Ok well I don't know how this sounds but, I was going through my Facebook, browsing around, and I come across this amazing girl, almost instantly attracted to her. She doesn't look like one of those generic popular "so hot" girls, she just looks so kind and beautiful, and I really want to talk with her (She is in the same town but different school). But, wouldn't it be a bit awkward for some stranger to randomly add her? I don't know how to carry through with this. I understand it's probably quite simple to some, but not for me. Any advice?
are you serious
Imagine adding her randomly as asking a number out of the blue, the second you saw a girl without even introducing yourself... Introduce yourself, make your PM interesting....
[QUOTE=Seith;37756566] Introduce yourself, make your PM interesting....[/QUOTE] No, just no.
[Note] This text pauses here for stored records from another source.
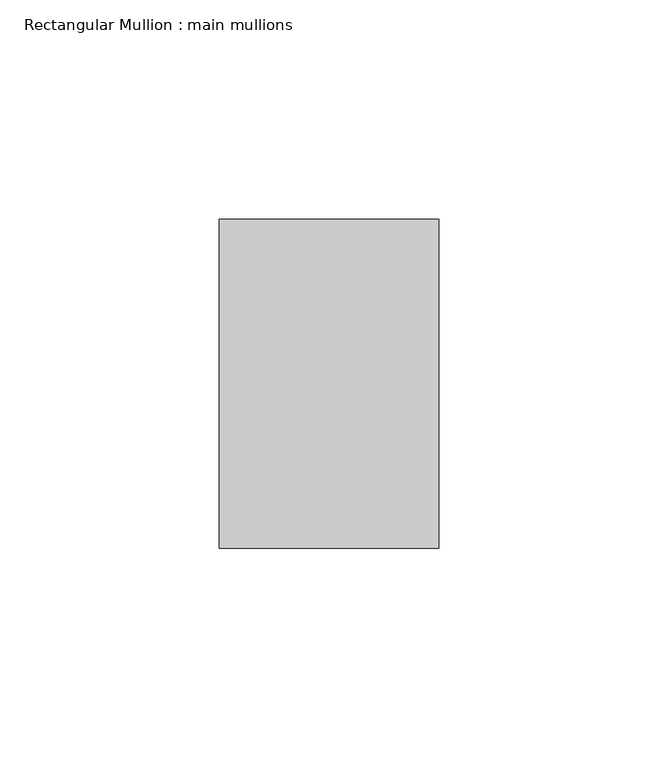
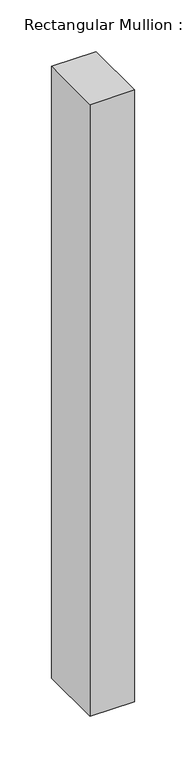
"""IFC4 building model written with IfcOpenShell, lengths in millimetres: member geometry, Rectangular Mullion : main mullions."""

from ifc_helpers import new_model, si_unit, frame, origin, place, context, project, spatial, polyline, outline, extrude, source, transform, mapped, element, save


def rectangular_mullion_main_mullions_07477f58(model_context):
    return source(origin(), model_context, "Body", "SweptSolid", [
        extrude(outline(polyline([(0.0, 37.5), (0.0, -37.5), (-50.0, -37.5), (-50.0, 37.5), (0.0, 37.5)])), frame((0.0, 0.0, -725.0), z_axis=(0.0, 0.0, 1.0), x_axis=(1.0, 0.0, 0.0)), (0.0, 0.0, 1.0), 725.0),
    ])


if __name__ == "__main__":
    model = new_model("IFC4")
    model_context = context("Model", 3, world=origin())
    ifc_project = project(units=[si_unit("LENGTHUNIT", "METRE", prefix="MILLI")], contexts=[model_context])
    site = spatial("IfcSite", under=ifc_project)
    building = spatial("IfcBuilding", under=site)
    placement = place(None, origin())
    rectangular_mullion_main_mullions_shape = rectangular_mullion_main_mullions_07477f58(model_context)
    element("IfcMember", 1, ObjectType="Rectangular Mullion : main mullions", at=placement, inside=building, context=model_context, shape_type="MappedRepresentation", body=[
        mapped(rectangular_mullion_main_mullions_shape, transform((0.0, 0.0, 0.0), x_axis=(1.0, 0.0, 0.0), y_axis=(0.0, 1.0, 0.0), z_axis=(0.0, 0.0, 1.0))),
    ])
    save(model, "model.ifc")

# Revit data of these elements
# Type "Rectangular Mullion : main mullions"
#   built-in parameter 1007304 = 0.246063 (stored number, unit not read)
#   built-in parameter 1007301 = 0.082021 (stored number, unit not read)
#   built-in parameter 1007300 = 0.082021 (stored number, unit not read)
# Element 1 (IfcMember, "Rectangular Mullion : main mullions")
#   Materials on its faces: "Aluminum"
# Materials
#   "Aluminum": class "Metal", colour RGB 136 136 136, transparency 0, Description = "Aluminum 6061", Cost = 0

[QUOTE=JgcxCub;37740257]Good example of a higher order process would be well, really thinking deeply. E.g. about existential stuff, oneself, and looking in detail at one's own problems. Of course even in these cases responses occur. In fact, they're always responses of some sort; we are, like everything else, deterministic (i.e. everything happens for a reason). However many of these are due to factors so subtle and convoluted that the response model doesn't describe them too well, so I consider it a separate process. Response mechanism is well how anyone adapts to their environment. Whenever something comes your way that you have to deal with, you don't start thinking about your place in the universe unless you've programmed yourself to respond that way, which is unlikely. Your mind is continually [url=en.wiktionary.org/wiki/parse]parsing[/url] information from the world around you and if a particular event is recognized then the response for said event is triggered. It's put a little simply, I've basically sunk much of the last 6 years of my life to developing a coherent structure of the human mind so if you have any more questions feel free to ask[/QUOTE] I thought of this while reading your post. -snip- Gif wont load :(
[QUOTE=Seith;37756566]Imagine adding her randomly as asking a number out of the blue, the second you saw a girl without even introducing yourself... Introduce yourself, make your PM interesting....[/QUOTE] "do you like daggers"
[QUOTE=ScoutKing;37756586]No, just no.[/QUOTE] Oh, I am sorry, do you have any confirmation other than "I don't like it" because I do.
i'm pretty sure most girls would be creeped out if some guy they didn't know messaged them online entirely based on the fact that they're attractive? it doesn't matter how you word it, it's going to be fucking creepy
[QUOTE=Guy Mannly;37756925]i'm pretty sure most girls would be creeped out if some guy they didn't know messaged them online entirely based on the fact that they're attractive? it doesn't matter how you word it, it's going to be fucking creepy[/QUOTE] it's pretty common in middle school where i come from they call them "random adds"
[QUOTE=Guy Mannly;37756925]i'm pretty sure most girls would be creeped out if some guy they didn't know messaged them online entirely based on the fact that they're attractive? it doesn't matter how you word it, it's going to be fucking creepy[/QUOTE] I'm pretty sure is actual experience? No. Sure, some might find it creepy, but it's all a matter of what you say.... The same can happen in a bar or on the street.